Jung Hsu — Drawing Borders
Island of things — Summer 2021
In collaboration with Zoe Spehr.
Taking the shore of an island as a boundary, it represents a conflict zone, an uncertain boundary, both geographically and psychologically.
Being separated by the water shapes a limit and a definition. However, the space can be utilized and function as an active and connecting space.
Two border-drawing robot arms are placed on two different islands: Valentinswerder and Taiwan.
The drawn line gets washed away by the water in a never-ending play.
Both portray an individual story of the island and its connection to the mainland.
Valentinswerder is a remote island that has a strong connection to Berlin due to its size and distance. Using the space as a connecting element. Despite forming an own system and home to the islanders, the connection with the mainland is indispensable.

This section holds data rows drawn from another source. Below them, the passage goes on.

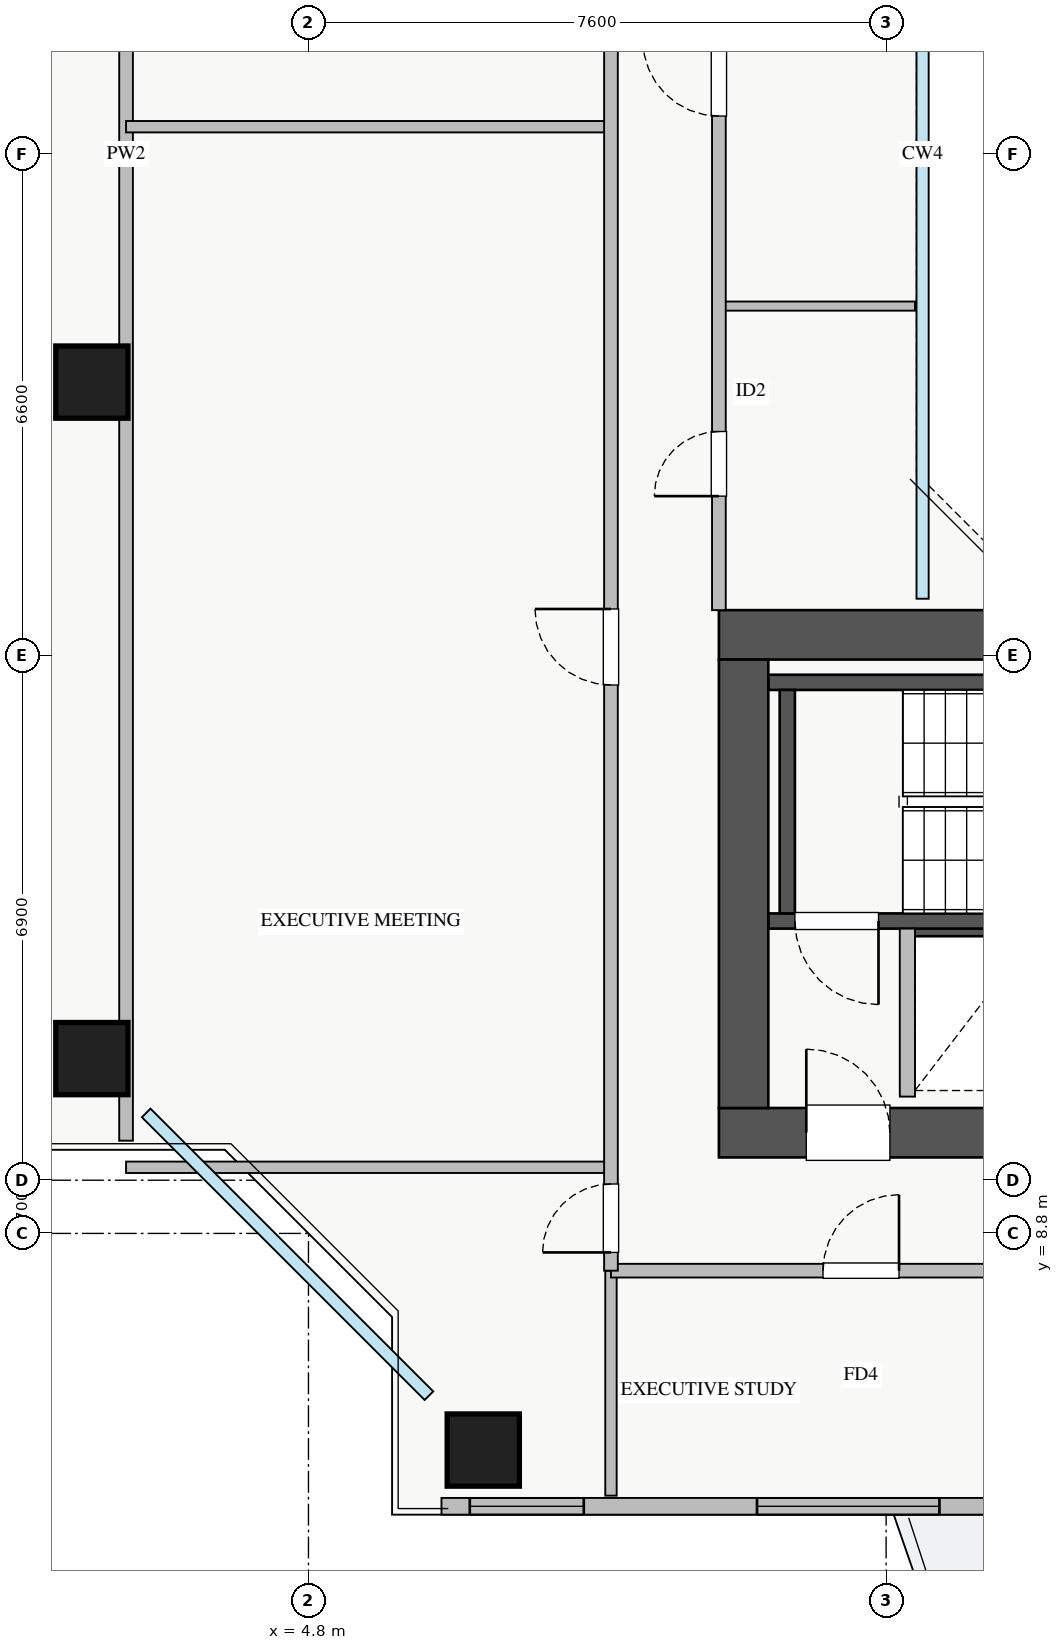
"""IFC4 building model, lengths in metres.
Left out: names, types, materials, properties, quantities, classifications, styles, units other than length and angle.
Written with IfcOpenShell. Run it as: python <this file> out.ifc"""

import sys

from ifc_helpers import new_model, si_unit, direction, frame, frame_2d, origin, origin_2d, place, context, subcontext, project, spatial, rectangle, extrude, source, transform, mapped, element, fill, save


model = new_model("IFC4")
c1 = context("Model", 3, precision=1e-05, world=origin(), true_north=direction((0.0, 1.0)))
c2 = subcontext(c1, "Body", "Model", "MODEL_VIEW")
j1 = project(units=[si_unit("LENGTHUNIT", "METRE"), si_unit("PLANEANGLEUNIT", "RADIAN")], contexts=[c1])
p1 = place(None, origin())
s1 = spatial("IfcSite", under=j1, at=p1, CompositionType="ELEMENT")
p2 = place(p1, origin())
s2 = spatial("IfcBuilding", under=s1, at=p2, CompositionType="ELEMENT")
p3 = place(p2, frame((0.0, 0.0, 176.25)))
s3 = spatial("IfcBuildingStorey", under=s2, at=p3, CompositionType="ELEMENT", Elevation=176.25)
p4 = place(p3, frame((12.68, 12.8, 0.0), z_axis=(0.0, 0.0, 1.0), x_axis=(1.0, 0.0, 0.0)))
e1 = element("IfcWall", 1, at=p4, inside=s3, PredefinedType="SHEAR", context=c2, shape_type="SweptSolid", body=[
    extrude(rectangle(XDim=1.94, YDim=0.18, at=frame_2d((0.97, 0.0))), origin(), (0.0, 0.0, 1.0), 3.07),
])
p5 = place(p3, frame((10.85, 12.91, 0.0), z_axis=(0.0, 0.0, 1.0), x_axis=(1.0, 0.0, 0.0)))
e2 = element("IfcWall", 2, at=p5, inside=s3, PredefinedType="SHEAR", context=c2, shape_type="SweptSolid", body=[
    extrude(rectangle(XDim=7.3, YDim=0.2, at=frame_2d((3.65, 0.0))), origin(), (0.0, 0.0, 1.0), 3.25),
])
p6 = place(p5, frame((0.35, 0.0, 0.0)))
e3 = element("IfcOpeningElement", 3, at=p6, cuts=e2, PredefinedType="OPENING", context=c2, shape_type="SweptSolid", body=[
    extrude(rectangle(XDim=1.1, YDim=2.05, at=frame_2d((0.55, 1.025))), frame((0.0, 0.11, 0.0), z_axis=(0.0, -1.0, 0.0), x_axis=(1.0, 0.0, 0.0)), (0.0, 0.0, 1.0), 0.22),
])
p7 = place(p3, frame((10.85, 16.05, 0.0), z_axis=(0.0, 0.0, 1.0), x_axis=(1.0, 0.0, 0.0)))
e4 = element("IfcWall", 4, at=p7, inside=s3, PredefinedType="SHEAR", context=c2, shape_type="SweptSolid", body=[
    extrude(rectangle(XDim=7.3, YDim=0.2, at=frame_2d((3.65, 0.0))), origin(), (0.0, 0.0, 1.0), 3.25),
])
p8 = place(p3, frame((11.1, 13.01, 0.0), z_axis=(0.0, 0.0, 1.0), x_axis=(0.0, 1.0, 0.0)))
e5 = element("IfcWall", 5, at=p8, inside=s3, PredefinedType="SHEAR", context=c2, shape_type="SweptSolid", body=[
    extrude(rectangle(XDim=2.94, YDim=0.2, at=frame_2d((1.47, 0.0))), origin(), (0.0, 0.0, 1.0), 3.25),
])
p9 = place(p3, frame((10.2, 10.125, 0.0), z_axis=(0.0, 0.0, 1.0), x_axis=(1.0, 0.0, 0.0)))
e6 = element("IfcWall", 6, at=p9, inside=s3, PredefinedType="SHEAR", context=c2, shape_type="SweptSolid", body=[
    extrude(rectangle(XDim=17.6, YDim=0.65, at=frame_2d((8.8, 0.0))), origin(), (0.0, 0.0, 1.0), 3.25),
])
p10 = place(p9, frame((1.15, 0.0, 0.0)))
e7 = element("IfcOpeningElement", 7, at=p10, cuts=e6, PredefinedType="OPENING", context=c2, shape_type="SweptSolid", body=[
    extrude(rectangle(XDim=1.1, YDim=2.05, at=frame_2d((0.55, 1.025))), frame((0.0, 0.335, 0.0), z_axis=(0.0, -1.0, 0.0), x_axis=(1.0, 0.0, 0.0)), (0.0, 0.0, 1.0), 0.67),
])
p11 = place(p9, frame((8.3, 0.0, 0.0)))
e8 = element("IfcOpeningElement", 8, at=p11, cuts=e6, PredefinedType="OPENING", context=c2, shape_type="SweptSolid", body=[
    extrude(rectangle(XDim=1.1, YDim=2.05, at=frame_2d((0.55, 1.025))), frame((0.0, 0.335, 0.0), z_axis=(0.0, -1.0, 0.0), x_axis=(1.0, 0.0, 0.0)), (0.0, 0.0, 1.0), 0.67),
])
p12 = place(p9, frame((4.9, 0.0, 0.0)))
e9 = element("IfcOpeningElement", 9, at=p12, cuts=e6, PredefinedType="OPENING", context=c2, shape_type="SweptSolid", body=[
    extrude(rectangle(XDim=1.1, YDim=2.05, at=frame_2d((0.55, 1.025))), frame((0.0, 0.335, 0.0), z_axis=(0.0, -1.0, 0.0), x_axis=(1.0, 0.0, 0.0)), (0.0, 0.0, 1.0), 0.67),
])
p13 = place(p9, frame((14.74, 0.0, 0.0)))
e10 = element("IfcOpeningElement", 10, at=p13, cuts=e6, PredefinedType="OPENING", context=c2, shape_type="SweptSolid", body=[
    extrude(rectangle(XDim=1.0, YDim=2.05, at=frame_2d((0.5, 1.025))), frame((0.0, 0.335, 0.0), z_axis=(0.0, -1.0, 0.0), x_axis=(1.0, 0.0, 0.0)), (0.0, 0.0, 1.0), 0.67),
])
p14 = place(p9, frame((11.67, 0.0, 0.0)))
e11 = element("IfcOpeningElement", 11, at=p14, cuts=e6, PredefinedType="OPENING", context=c2, shape_type="SweptSolid", body=[
    extrude(rectangle(XDim=1.0, YDim=2.05, at=frame_2d((0.5, 1.025))), frame((0.0, 0.335, 0.0), z_axis=(0.0, -1.0, 0.0), x_axis=(1.0, 0.0, 0.0)), (0.0, 0.0, 1.0), 0.67),
])
p15 = place(p3, frame((10.2, 16.675, 0.0), z_axis=(0.0, 0.0, 1.0), x_axis=(1.0, 0.0, 0.0)))
e12 = element("IfcWall", 12, at=p15, inside=s3, PredefinedType="SHEAR", context=c2, shape_type="SweptSolid", body=[
    extrude(rectangle(XDim=17.6, YDim=0.65, at=frame_2d((8.8, 0.0))), origin(), (0.0, 0.0, 1.0), 3.25),
])
p16 = place(p3, frame((10.525, 10.45, 0.0), z_axis=(0.0, 0.0, 1.0), x_axis=(0.0, 1.0, 0.0)))
e13 = element("IfcWall", 13, at=p16, inside=s3, PredefinedType="SHEAR", context=c2, shape_type="SweptSolid", body=[
    extrude(rectangle(XDim=5.9, YDim=0.65, at=frame_2d((2.95, 0.0))), origin(), (0.0, 0.0, 1.0), 3.25),
])
m1 = source(origin(), c2, "Body", "SweptSolid", [
    extrude(rectangle(XDim=0.95, YDim=0.95, at=origin_2d()), origin(), (0.0, 0.0, 1.0), 3.25),
])
for number, where, z_axis, x_axis in (
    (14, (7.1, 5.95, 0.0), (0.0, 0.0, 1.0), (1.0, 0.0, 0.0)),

Taiwan is separated from the mainland of China by the Taiwan strait, the shortest distance is only about 130 kilometers. For some people, the strait is a natural barrier that protects their independence. For others, it is just a gap, which cuts them off from the past. The relationship between Taiwan and China is still changing. As islanders, we can only constantly redefine our identity in the floating spectrum, like drawing lines in front of where we stand.
To draw lines on the ground is a strong statement, sometimes it even looks like a rejection. The lines are our boundary, our defense, and our definition. In the intertidal zone, lines are wiped away by waves. Even though we all know this will happen, we still keep drawing.